Una humorada muy conocida en la economía (y en otras disciplinas) dice que “si uno tortura a los datos lo suficiente, estos eventualmente confesarán”. Muchos estudios de psicología cognitiva y de economía del comportamiento están siendo puestos en duda por observaciones forenses ex post que encuentran “avivadas” estadísticas como el “p-hacking”, por las cuales se exprime un set de datos hasta que se encuentra un resultado significativo. Buena parte de esta dinámica se debe a un mercado en el cual los investigadores están bajo una presión enorme para “descubrir” algo publicable y entrar así en el 10%-12% de cupos laborales que se calcula que hay en economía para gente con estudios de doctorado (el dato es para Estados Unidos, en América Latina y en la Argentina es mucho más bajo todavía).
“Algunos de los cuestionamientos van al corazón de la disciplina y a los sesgos más estudiados, como el exceso de la autoconfianza”
Hasta la “biblia” de divulgación en este terreno, el libro Pensar rápido, pensar despacio, de Kahneman, publicado en 2011, está sufriendo este escrutinio en su letra chica estadística, con daños serios. En diciembre del año pasado, el sitio “Índice de replicabilidad” publicó una “metaperspectiva científica” sobre la obra y concluyó que, de ser publicado hoy, Pensar rápido… debería excluir al menos dos capítulos enteros (el 3 y el 4) porque sus conclusiones dejaron de ser creíbles en los años siguientes. Algunos de los cuestionamientos van al corazón de la disciplina y a sus sesgos más estudiados, como el exceso de autoconfianza.
El propio Kahneman dijo meses atrás, en un reportaje tras la publicación de su último libro, Ruido (coescrito con Sunstein y Olivier Sibony), que tal vez se haya hablado demasiado de los sesgos, que tienen indudablemente mucho más glamour y atractivo mediático que otros fenómenos de la economía.
Esta exageración también corre para el lado de las políticas públicas. Aquí, la crítica creciente es que los resultados de muchas iniciativas pueden ser buenos, pero marginales en relación a la crisis que enfrenta el mundo, que no se resuelve con “empujoncitos”. Un ejemplo: las economistas Crystal Hall y Mindy Hernandez se preguntaron si la economía del comportamiento podía ayudar a resolver el racismo estructural. La agenda Nudge propone intervenciones a nivel de elecciones individuales para reducir el racismo, pero ignora, sostienen Hall y Hernandez, el “elefante en la pieza” de un problema con raíces mucho más profundas, entre otras cuestiones potenciado por el hecho de que la economía académica tiene un porcentaje bajísimo de afroamericanos.

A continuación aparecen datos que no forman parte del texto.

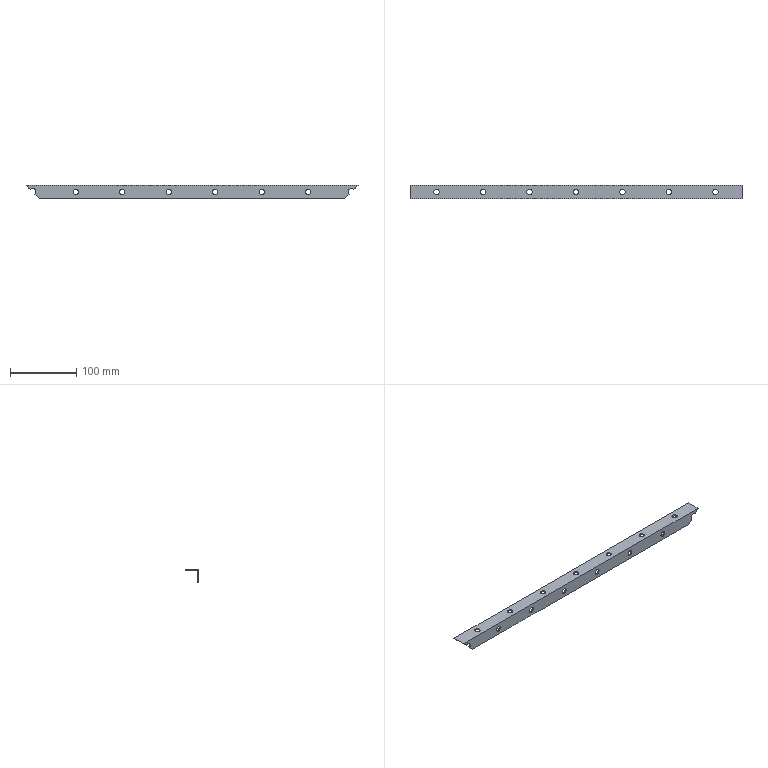Component | SolidWorks | AngleIron2-2 | 1 solid | 39 faces | box 500 x 20 x 20 mm | volume 35664 mm3 | cylinder 29 | plane 10 | commonest cylinder face diameters 8 x26 10 x3
build123d program:
from build123d import *

# Parameters (mm, degrees)
BOSS_EXTRUDE1_DEPTH = 500
CUT_EXTRUDE1_DEPTH  = 501.799
CUT_EXTRUDE2_DEPTH  = 501.799
SKETCH4_R           = 4
CUT_EXTRUDE3_DEPTH  = 501.799
LPATTERN1_COUNT     = 4
LPATTERN1_PITCH     = 70
LPATTERN1_COL_COUNT = 4
LPATTERN1_COL_PITCH = 70
SKETCH5_R           = 4
CUT_EXTRUDE4_DEPTH  = 501.799
LPATTERN2_COUNT     = 6
LPATTERN2_PITCH     = 70
SKETCH6_R           = 5
CUT_EXTRUDE5_DEPTH  = 501.799


with BuildPart() as part:
    # Sketch1 → Boss-Extrude1 (new body)
    with BuildSketch(Plane.XY):
        Polygon((0, 0), (20, 0), (20, -2), (2, -2), (2, -20), (0, -20), align=None)
    extrude(amount=BOSS_EXTRUDE1_DEPTH)

    # Sketch2 → Cut-Extrude1 (cut, through all)
    with BuildSketch(Plane(origin=(0, 0, 0), x_dir=(1, 0, 0), z_dir=(0, 1, 0))):
        Polygon((0, -500), (20, -500), (20, -480), align=None)
    extrude(amount=-CUT_EXTRUDE1_DEPTH, mode=Mode.SUBTRACT)

    # Sketch3 → Cut-Extrude2 (cut, through all)
    with BuildSketch(Plane(origin=(0, 0, 0), x_dir=(1, 0, 0), z_dir=(0, 1, 0))):
        Polygon((20, 0), (20, -20), (0, 0), align=None)
    extrude(amount=-CUT_EXTRUDE2_DEPTH, mode=Mode.SUBTRACT)

    # Sketch4 → Cut-Extrude3 (cut, through all)
    with BuildSketch(Plane.ZY):
        with Locations((250, -10)):
            Circle(SKETCH4_R)
    cut_extrude3 = extrude(amount=-CUT_EXTRUDE3_DEPTH, mode=Mode.SUBTRACT)

    # LPattern1: Cut-Extrude3 ×4
    with Locations(*[(0, 0, i * LPATTERN1_PITCH) for i in range(1, LPATTERN1_COUNT)]):
        add(cut_extrude3, mode=Mode.SUBTRACT)

    # LPattern1 col: Cut-Extrude3 ×4
    with Locations(*[(0, 0, -i * LPATTERN1_COL_PITCH) for i in range(1, LPATTERN1_COL_COUNT)]):
        add(cut_extrude3, mode=Mode.SUBTRACT)

    # Sketch5 → Cut-Extrude4 (cut, through all)
    with BuildSketch(Plane(origin=(0, 0, 0), x_dir=(1, 0, 0), z_dir=(0, 1, 0))):
        with Locations(Location((10, -425, 0), (0, 0, 270))):
            Circle(SKETCH5_R)
    cut_extrude4 = extrude(amount=-CUT_EXTRUDE4_DEPTH, mode=Mode.SUBTRACT)

    # LPattern2: Cut-Extrude4 ×6
    with Locations(*[(0, 0, -i * LPATTERN2_PITCH) for i in range(1, LPATTERN2_COUNT)]):
        add(cut_extrude4, mode=Mode.SUBTRACT)

    # Sketch6 → Cut-Extrude5 (cut, through all)
    with BuildSketch(Plane(origin=(0, 0, 0), x_dir=(1, 0, 0), z_dir=(0, 1, 0))):
        with Locations((10, -10)):
            Circle(SKETCH6_R)
        with Locations((10, -490)):
            Circle(SKETCH6_R)
    extrude(amount=-CUT_EXTRUDE5_DEPTH, mode=Mode.SUBTRACT)


solid = part.part

# Placed as in the assembly
solid = solid.moved(Location((566.241, -543.715, 1468.724), (180, -90, 0)))

La buena noticia es que parece haber conciencia en el terreno de la economía del comportamiento sobre estos problemas, y distintos centros de estudio están proponiendo una agenda futura con más rigor estadístico, menos eje en lo anecdótico y mayor foco en grandes problemas, para recuperar vitalidad y enfrentar con ímpetu renovado la segunda mitad de la vida.